To address this, Part 3 of the Wales Act 2017 created a new post: the President of Welsh Tribunals. The president has responsibility for making arrangements about the training, guidance and welfare of Welsh tribunal members, as well as for representing their views to Welsh Ministers and other Members of the National Assembly for Wales. The president will also be able to give practice directions and will be responsible for deploying tribunal members between the different Welsh tribunals, as well as between the UK-wide tribunals and the Welsh tribunals.
The president will also be responsible for establishing and communicating the judicial strategic direction for the Welsh tribunals. He or she will provide leadership and build effective relationships with the judicial leads of the Welsh tribunals, as well as with the Welsh Government’s Welsh Tribunals Unit, the Lord Chief Justice, the Judicial College, and Ministers and officials in the Welsh Government, relating to policy issues affecting the Welsh tribunals.
Paragraph 2 of Schedule 5 to the Wales Act 2017 provides two routes for the appointment of the President of Welsh Tribunals. The first is by agreement between the Lord Chief Justice, the Lord Chancellor and the Welsh Ministers with regard to a person who is, or has been, a judge of the Court of Appeal or the High Court. The second route, in default, is following selection by the Judicial Appointments Commission.
If agreement cannot be reached between the Lord Chief Justice, the Lord Chancellor and the Welsh Ministers on the appointment, paragraph 2 of Schedule 5 to the Wales Act 2017 requires the Lord Chief Justice to make a request to the Judicial Appointments Commission for a person to be selected for appointment to the office of President of Welsh Tribunals.
Elements of the procedure for appointment by the Judicial Appointments Commission are set out in the Act itself. These include that the Judicial Appointments Commission must appoint a selection panel which must include at least two members who are non-legally qualified, at least two judicial members and at least two members of the Judicial Appointments Commission.
The Lord Chancellor is also required to make additional provision about the process to be applied. That is what these regulations do. In particular, they specify that the selection panel should consist of five members and make further provision about the appointment of people to that panel, including that the chairperson of the panel is to be a person designated by the Lord Chief Justice who holds, or has held, office as a judge of the Supreme Court, a Lord Justice of Appeal or a puisne judge of the High Court.

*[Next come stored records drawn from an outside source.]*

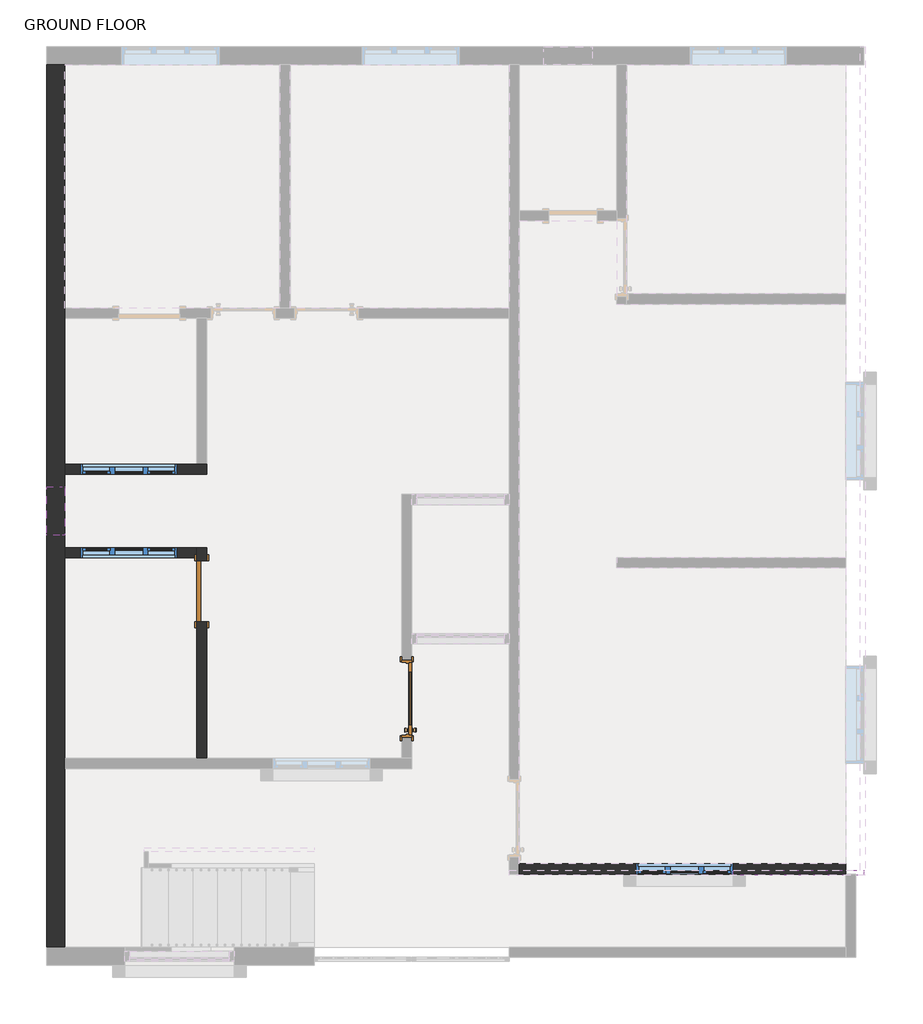
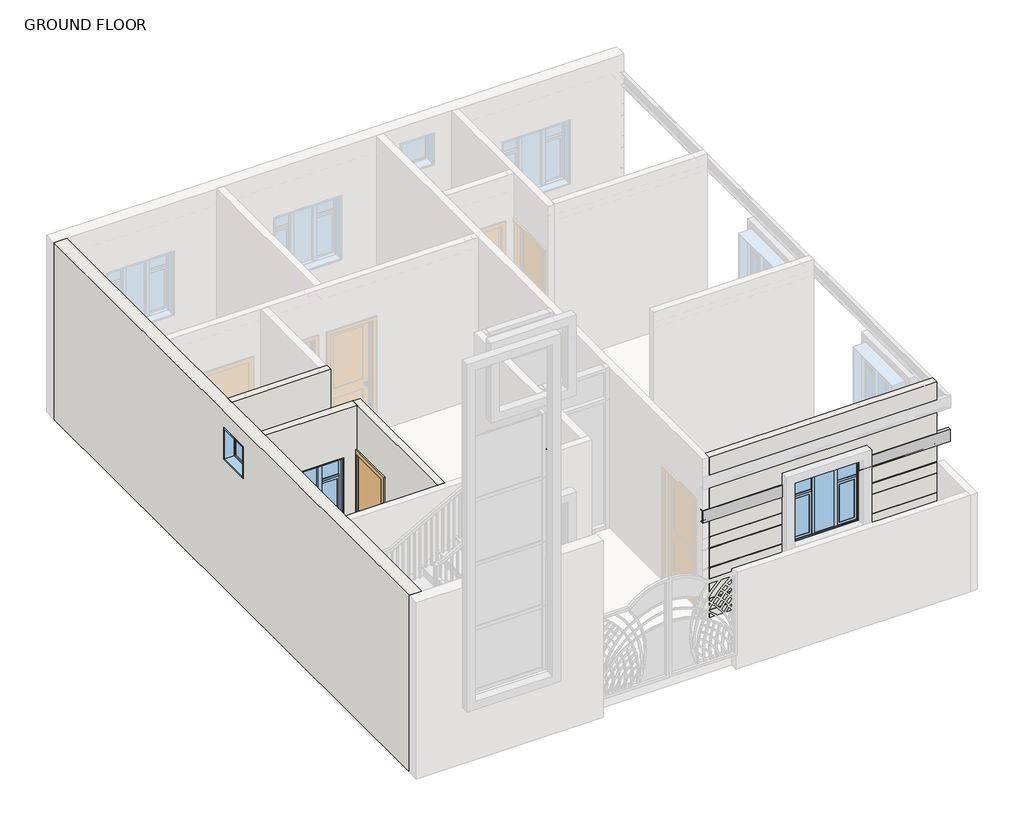
# One storey, part 2 of 7: 5 walls, 4 windows, 2 doors, 1 proxy.
"""IFC4 building model written with IfcOpenShell, lengths in millimetres."""

from ifc_helpers import new_model, si_unit, point, frame, frame_2d, origin, place, context, project, spatial, polyline, circle_curve, trimmed, segment, composite_curve, outline, extrude, faceted_brep, transform, mapped, element, save
from ifc_brep_helpers import plane_surface, cylinder_surface, revolved_surface, advanced_brep
from components import door_2e56f206, single_flush_bathroom_flush_door_4d6c7550, fixed_opening_window_2_x_2_e119d648, window_casement_triple_side_transom_window_4_x_4_9406f89d

model = new_model("IFC4")

# Units and contexts
model_context = context("Model", 3, world=origin())
ifc_project = project(units=[si_unit("LENGTHUNIT", "METRE", prefix="MILLI")], contexts=[model_context])

# Site, building, storey
site = spatial("IfcSite", under=ifc_project)
building = spatial("IfcBuilding", under=site)
storey = spatial("IfcBuildingStorey", under=building, Name="GROUND FLOOR", Elevation=304.8)

# Proxy
placement = place(None, origin())
element("IfcBuildingElementProxy", 1, Name="Reveal", ObjectType="Reveal", at=placement, inside=storey, context=model_context, shape_type="SweptSolid", body=[
    extrude(outline(composite_curve([segment(polyline([(-1857.2343863, 2374.9), (-1793.9883863, 2374.9), (-1793.9883863, 2373.5203242)]), True, "CONTINUOUS"), segment(trimmed(circle_curve(frame_2d((-1799.2334863, 2373.5203242)), 5.2451), [point((-1793.9883863, 2373.5203242))], [point((-1798.3711955, 2368.3465897))], False, "CARTESIAN"), True, "CONTINUOUS"), segment(polyline([(-1798.3711955, 2368.3465897), (-1821.9918863, 2364.4098), (-1841.2297679, 2361.20348)]), True, "CONTINUOUS"), segment(trimmed(circle_curve(frame_2d((-1839.5051863, 2350.856011)), 10.4902), [point((-1841.2297679, 2361.20348))], [point((-1849.9953863, 2350.856011))], True, "CARTESIAN"), True, "CONTINUOUS"), segment(polyline([(-1849.9953863, 2350.856011), (-1849.9953863, 2170.343989)]), True, "CONTINUOUS"), segment(trimmed(circle_curve(frame_2d((-1839.5051863, 2170.343989)), 10.4902), [point((-1849.9953863, 2170.343989))], [point((-1841.2297679, 2159.99652))], True, "CARTESIAN"), True, "CONTINUOUS"), segment(polyline([(-1841.2297679, 2159.99652), (-1821.9918863, 2156.7902), (-1798.3711955, 2152.8534103)]), True, "CONTINUOUS"), segment(trimmed(circle_curve(frame_2d((-1799.2334863, 2147.6796758)), 5.2451), [point((-1798.3711955, 2152.8534103))], [point((-1793.9883863, 2147.6796758))], False, "CARTESIAN"), True, "CONTINUOUS"), segment(polyline([(-1793.9883863, 2147.6796758), (-1793.9883863, 2146.3), (-1857.2343863, 2146.3), (-1857.2343863, 2374.9)]), True, "CONTINUOUS")], self_intersect=False)), frame((-6391.4023867, 0.0, 0.0), z_axis=(1.0, 0.0, 0.0), x_axis=(0.0, 1.0, 0.0)), (0.0, 0.0, 1.0), 1638.3),
    extrude(outline(composite_curve([segment(polyline([(-1857.2343863, 2374.9), (-1793.9883863, 2374.9), (-1793.9883863, 2373.5203242)]), True, "CONTINUOUS"), segment(trimmed(circle_curve(frame_2d((-1799.2334863, 2373.5203242)), 5.2451), [point((-1793.9883863, 2373.5203242))], [point((-1798.3711955, 2368.3465897))], False, "CARTESIAN"), True, "CONTINUOUS"), segment(polyline([(-1798.3711955, 2368.3465897), (-1821.9918863, 2364.4098), (-1841.2297679, 2361.20348)]), True, "CONTINUOUS"), segment(trimmed(circle_curve(frame_2d((-1839.5051863, 2350.856011)), 10.4902), [point((-1841.2297679, 2361.20348))], [point((-1849.9953863, 2350.856011))], True, "CARTESIAN"), True, "CONTINUOUS"), segment(polyline([(-1849.9953863, 2350.856011), (-1849.9953863, 2170.343989)]), True, "CONTINUOUS"), segment(trimmed(circle_curve(frame_2d((-1839.5051863, 2170.343989)), 10.4902), [point((-1849.9953863, 2170.343989))], [point((-1841.2297679, 2159.99652))], True, "CARTESIAN"), True, "CONTINUOUS"), segment(polyline([(-1841.2297679, 2159.99652), (-1821.9918863, 2156.7902), (-1798.3711955, 2152.8534103)]), True, "CONTINUOUS"), segment(trimmed(circle_curve(frame_2d((-1799.2334863, 2147.6796758)), 5.2451), [point((-1798.3711955, 2152.8534103))], [point((-1793.9883863, 2147.6796758))], False, "CARTESIAN"), True, "CONTINUOUS"), segment(polyline([(-1793.9883863, 2147.6796758), (-1793.9883863, 2146.3), (-1857.2343863, 2146.3), (-1857.2343863, 2374.9)]), True, "CONTINUOUS")], self_intersect=False)), frame((-9198.1023867, 0.0, 0.0), z_axis=(1.0, 0.0, 0.0), x_axis=(0.0, 1.0, 0.0)), (0.0, 0.0, 1.0), 1587.5),
])

# Doors
door_shape = door_2e56f206(model_context)
element("IfcDoor", 2, ObjectType="Door-Interior-Single-2_Panel-Wood : 36\" x 84\"", at=placement, inside=storey, context=model_context, shape_type="MappedRepresentation", body=[
    mapped(door_shape, transform((-10477.6273867, 354.7500137, 304.8), x_axis=(0.0, 1.0, 0.0), y_axis=(-1.0, 0.0, 0.0), z_axis=(0.0, 0.0, 1.0))),
])
single_flush_bathroom_flush_door_shape = single_flush_bathroom_flush_door_4d6c7550(model_context)
element("IfcDoor", 3, ObjectType="Single-Flush : BATHROOM FLUSH DOOR", at=placement, inside=storey, context=model_context, shape_type="MappedRepresentation", body=[
    mapped(single_flush_bathroom_flush_door_shape, transform((-13046.2023867, 1700.5265627, 304.8), x_axis=(0.0, 1.0, 0.0), y_axis=(-1.0, 0.0, 0.0), z_axis=(0.0, 0.0, 1.0))),
])

# Walls
element("IfcWall", 4, at=placement, inside=storey, context=model_context, shape_type="Brep", body=[
    faceted_brep([(-14760.7023867, -2756.7499863, 0.0), (-14760.7023867, 8292.2500137, 0.0), (-14760.7023867, 8292.2500137, 3352.8), (-14760.7023867, 5244.2500137, 3352.8), (-14760.7023867, 5117.2500137, 3352.8), (-14760.7023867, 3288.4500137, 3352.8), (-14760.7023867, 3161.4500137, 3352.8), (-14760.7023867, 2246.6265627, 3352.8), (-14760.7023867, 2119.6265627, 3352.8), (-14760.7023867, -394.5499863, 3352.8), (-14760.7023867, -521.5499863, 3352.8), (-14760.7023867, -2756.7499863, 3352.8), (-14760.7023867, 2399.2382882, 2438.4), (-14760.7023867, 2399.2382882, 3048.0), (-14760.7023867, 3008.8382882, 3048.0), (-14760.7023867, 3008.8382882, 2438.4), (-14989.3023867, 8292.2500137, 0.0), (-14989.3023867, -2756.7499863, 0.0), (-14989.3023867, -2756.7499863, 3352.8), (-14989.3023867, 8292.2500137, 3352.8), (-14989.3023867, 2399.2382882, 3048.0), (-14989.3023867, 2399.2382882, 2438.4), (-14989.3023867, 3008.8382882, 2438.4), (-14989.3023867, 3008.8382882, 3048.0)], [[[0, 1, 2, 3, 4, 5, 6, 7, 8, 9, 10, 11], [12, 13, 14, 15]], [[16, 17, 18, 19], [20, 21, 22, 23]], [[1, 0, 17, 16]], [[11, 10, 9, 8, 7, 6, 5, 4, 3, 2, 19, 18]], [[0, 11, 18, 17]], [[2, 1, 16, 19]], [[20, 13, 12, 21]], [[21, 12, 15, 22]], [[22, 15, 14, 23]], [[13, 20, 23, 14]]]),
])
element("IfcWall", 5, ObjectType="INNER WALL 5\"", at=placement, inside=storey, context=model_context, shape_type="AdvancedBrep", body=[
    advanced_brep(
    [(-9071.1023867, -1842.3499863, 0.0), (-4981.7023867, -1842.3499863, 0.0), (-4981.7023867, -1842.3499863, 444.5), (-9071.1023867, -1842.3499863, 444.5), (-9071.1023867, -1842.3499863, 304.8), (-4981.7023867, -1842.3499863, 3352.8), (-9071.1023867, -1842.3499863, 3352.8), (-9071.1023867, -1842.3499863, 3009.9), (-4981.7023867, -1842.3499863, 3009.9), (-6391.4023867, -1842.3499863, 1219.2), (-7610.6023867, -1842.3499863, 1219.2), (-7610.6023867, -1842.3499863, 1243.35311), (-9071.1023867, -1842.3499863, 1243.35311), (-9071.1023867, -1842.3499863, 1042.64689), (-4981.7023867, -1842.3499863, 1042.64689), (-4981.7023867, -1842.3499863, 1243.35311), (-6391.4023867, -1842.3499863, 1243.35311), (-7610.6023867, -1842.3499863, 2438.4), (-6391.4023867, -1842.3499863, 2438.4), (-6391.4023867, -1842.3499863, 2374.9), (-4981.7023867, -1842.3499863, 2374.9), (-4981.7023867, -1842.3499863, 2781.3), (-9071.1023867, -1842.3499863, 2781.3), (-9071.1023867, -1842.3499863, 2374.9), (-7610.6023867, -1842.3499863, 2374.9), (-4981.7023867, -1842.3499863, 2795.24689), (-4981.7023867, -1842.3499863, 2995.95311), (-9071.1023867, -1842.3499863, 2995.95311), (-9071.1023867, -1842.3499863, 2795.24689), (-9071.1023867, -1842.3499863, 673.1), (-4981.7023867, -1842.3499863, 673.1), (-4981.7023867, -1842.3499863, 1028.7), (-9071.1023867, -1842.3499863, 1028.7), (-4981.7023867, -1842.3499863, 659.15311), (-9071.1023867, -1842.3499863, 659.15311), (-9071.1023867, -1842.3499863, 458.44689), (-4981.7023867, -1842.3499863, 458.44689), (-9071.1023867, -1842.3499863, 1257.3), (-7610.6023867, -1842.3499863, 1257.3), (-7610.6023867, -1842.3499863, 1612.9), (-9071.1023867, -1842.3499863, 1612.9), (-6391.4023867, -1842.3499863, 1257.3), (-4981.7023867, -1842.3499863, 1257.3), (-4981.7023867, -1842.3499863, 1612.9), (-6391.4023867, -1842.3499863, 1612.9), (-6391.4023867, -1842.3499863, 1841.5), (-4981.7023867, -1842.3499863, 1841.5), (-4981.7023867, -1842.3499863, 2146.3), (-6391.4023867, -1842.3499863, 2146.3), (-4981.7023867, -1842.3499863, 1827.55311), (-6391.4023867, -1842.3499863, 1827.55311), (-6391.4023867, -1842.3499863, 1626.84689), (-4981.7023867, -1842.3499863, 1626.84689), (-9071.1023867, -1842.3499863, 1841.5), (-7610.6023867, -1842.3499863, 1841.5), (-7610.6023867, -1842.3499863, 2146.3), (-9071.1023867, -1842.3499863, 2146.3), (-7610.6023867, -1842.3499863, 1827.55311), (-9071.1023867, -1842.3499863, 1827.55311), (-9071.1023867, -1842.3499863, 1626.84689), (-7610.6023867, -1842.3499863, 1626.84689), (-6391.4023867, -1842.3499863, 2360.95311), (-6391.4023867, -1842.3499863, 2160.24689), (-4981.7023867, -1842.3499863, 2160.24689), (-4981.7023867, -1842.3499863, 2360.95311), (-9071.1023867, -1842.3499863, 2360.95311), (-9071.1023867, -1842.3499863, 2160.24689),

The regulations also make further provision relating to consultation during the process and to the reporting of the panel’s selection to the Lord Chief Justice and the Lord Chief Justice’s options when deciding on that selection. In order to be consistent with the relevant primary legislation and the nature of the new office, the appointment process closely reflects that which applies to the selection of the Senior President of Tribunals.
The Wales Act 2017 established the role of the President of Welsh Tribunals and the requirements for the appointment of a judicial officeholder to that office. These regulations allow that appointment to be made. I therefore commend the regulations to your Lordships and beg to move.
My Lords, I very much welcome these regulations, although I hope that the machinery that they set up will not be used, because of course the alternative way is by agreement between the Lord Chancellor, the Lord Chief Justice and Welsh Ministers.
At a time when the independence of the judiciary has been under attack, when we have heard expressions in the press such as, “Enemies of the people”, and when the press has questioned the impartiality of judges in many ways and the degree to which they are in touch, it is very important that the independence of the judiciary in Wales should be emphasised. In most of these tribunals, one of the parties concerned will almost certainly be the Welsh Government or local government, and it is very necessary that the administrative tribunal should be seen to be impartial.
I am very pleased that my old friend Sir Wyn Williams has been acting in an informal capacity as President of Welsh Tribunals—we used to meet on many a rugby field in our youth. Hopefully, he will continue in that role, and maybe he will be a candidate for president. I could not imagine the independence of the judiciary being in better hands to give leadership and direction. So many of the 41 judges who are sitting on these tribunals are lay persons without necessarily any lengthy experience in the law, so it is important that they should be properly trained and properly led. I am sure that that has been done under Sir Wyn Williams and that it will continue under these regulations.
My Lords, I will be very brief as I do not have a tenth of the background that the noble Lord, Lord Thomas, has with regard to legal operations in Wales. But I can from my own knowledge, and by reputation, endorse the comments the noble Lord made about Sir Wyn Williams.
I have one specific question, relating to the Welsh language. As noble Lords will be aware, and as I am sure the Minister has been made well aware, the Welsh language has full official status in Wales now, as it has since the legislation six or seven years ago. From 1967 onwards, it had equal validity, and the 1993 Act gave it equal status with English. That being so, operations of the law in courts and tribunals may take place in Welsh. That is the normal state of affairs in Wales. Proceedings may or may not take place in Welsh, but the choice is there and it is equal handed—as the noble Baroness in the Chair well knows.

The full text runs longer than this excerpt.